[PATCH v8 06/19] cpuset: Don't use the cpu_possible_mask as a last resort for cgroup v1

Valentin Schneider valentin.schneider at arm.com
Thu Jun 10 03:20:09 PDT 2021


On 07/06/21 18:20, Will Deacon wrote:
> On Fri, Jun 04, 2021 at 06:11:03PM +0100, Valentin Schneider wrote:
>> On 02/06/21 17:47, Will Deacon wrote:
>> > @@ -3322,9 +3322,13 @@ void cpuset_cpus_allowed(struct task_struct *tsk, struct cpumask *pmask)
>> >
>> >  void cpuset_cpus_allowed_fallback(struct task_struct *tsk)
>> >  {
>> > +	const struct cpumask *cs_mask;
>> > +	const struct cpumask *possible_mask = task_cpu_possible_mask(tsk);
>> > +
>> >       rcu_read_lock();
>> > -	do_set_cpus_allowed(tsk, is_in_v2_mode() ?
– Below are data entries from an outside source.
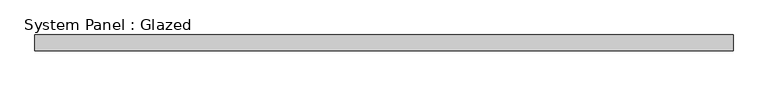
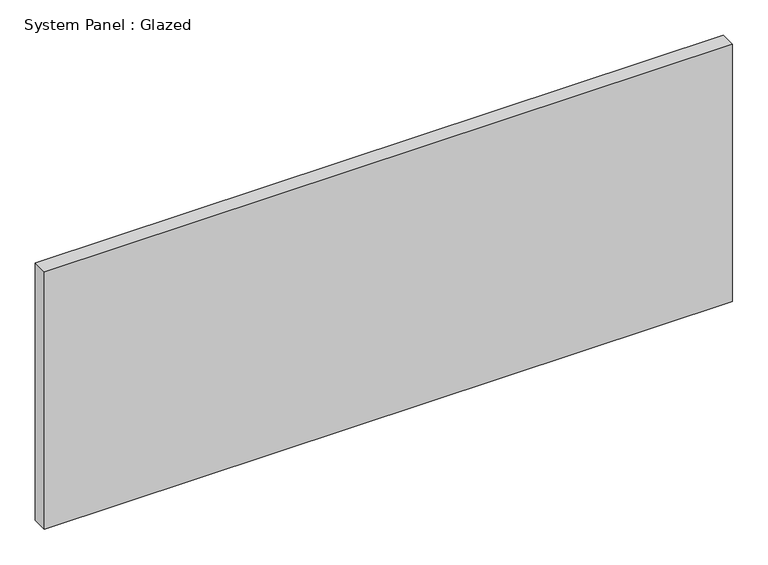
"""IFC4 building model written with IfcOpenShell, lengths in millimetres: plate geometry, System Panel : Glazed."""

from ifc_helpers import new_model, si_unit, origin, origin_with_axes, place, context, project, spatial, polyline, outline, extrude, source, transform, mapped, element, save


def system_panel_glazed_28d744da(model_context):
    return source(origin(), model_context, "Body", "SweptSolid", [
        extrude(outline(polyline([(561.975, -44.45), (-561.975, -44.45), (-561.975, -19.05), (561.975, -19.05), (561.975, -44.45)])), origin_with_axes(), (0.0, 0.0, 1.0), 444.5),
    ])


if __name__ == "__main__":
    model = new_model("IFC4")
    model_context = context("Model", 3, world=origin())
    ifc_project = project(units=[si_unit("LENGTHUNIT", "METRE", prefix="MILLI")], contexts=[model_context])
    site = spatial("IfcSite", under=ifc_project)
    building = spatial("IfcBuilding", under=site)
    placement = place(None, origin())
    system_panel_glazed_shape = system_panel_glazed_28d744da(model_context)
    element("IfcPlate", 1, ObjectType="System Panel : Glazed", at=placement, inside=building, context=model_context, shape_type="MappedRepresentation", body=[
        mapped(system_panel_glazed_shape, transform((0.0, 0.0, 0.0), x_axis=(1.0, 0.0, 0.0), y_axis=(0.0, 1.0, 0.0), z_axis=(0.0, 0.0, 1.0))),
    ])
    save(model, "model.ifc")

# Revit data of these elements
# Type "System Panel : Glazed"
#   Construction Type Id = "GSP4R"
#   Analytic Construction = "1/8 in Pilkington single glazing"
#   Visual Light Transmittance = 0.9
#   Solar Heat Gain Coefficient = 0.86
#   Heat Transfer Coefficient (U) = 1.18115 BTU/(h·ft²·°F)
#   Define Thermal Properties by = 1
# Element 1 (IfcPlate, "System Panel : Glazed")
#   Materials on its faces: "GARAGE PANEL"
# Materials
#   "GARAGE PANEL": class "Generic", colour RGB 120 120 120, transparency 0, Cost = 0

>> > -		task_cs(tsk)->cpus_allowed : cpu_possible_mask);
>> > +	cs_mask = task_cs(tsk)->cpus_allowed;
>> > +	if (is_in_v2_mode() && cpumask_subset(cs_mask, possible_mask))
>> > +		do_set_cpus_allowed(tsk, cs_mask);
>>
>> Since the task will still go through the is_cpu_allowed() loop in
>> select_fallback_rq() after this, is the subset check actually required
>> here?
>
> Yes, I think it's needed. do_set_cpus_allowed() doesn't do any checking
> against the task_cpu_possible_mask, so if we returned to
> select_fallback_rq() with a mask containing a mixture of 32-bit-capable and
> 64-bit-only CPUs then we'd end up setting an affinity mask for a 32-bit
> task which contains 64-bit-only cores.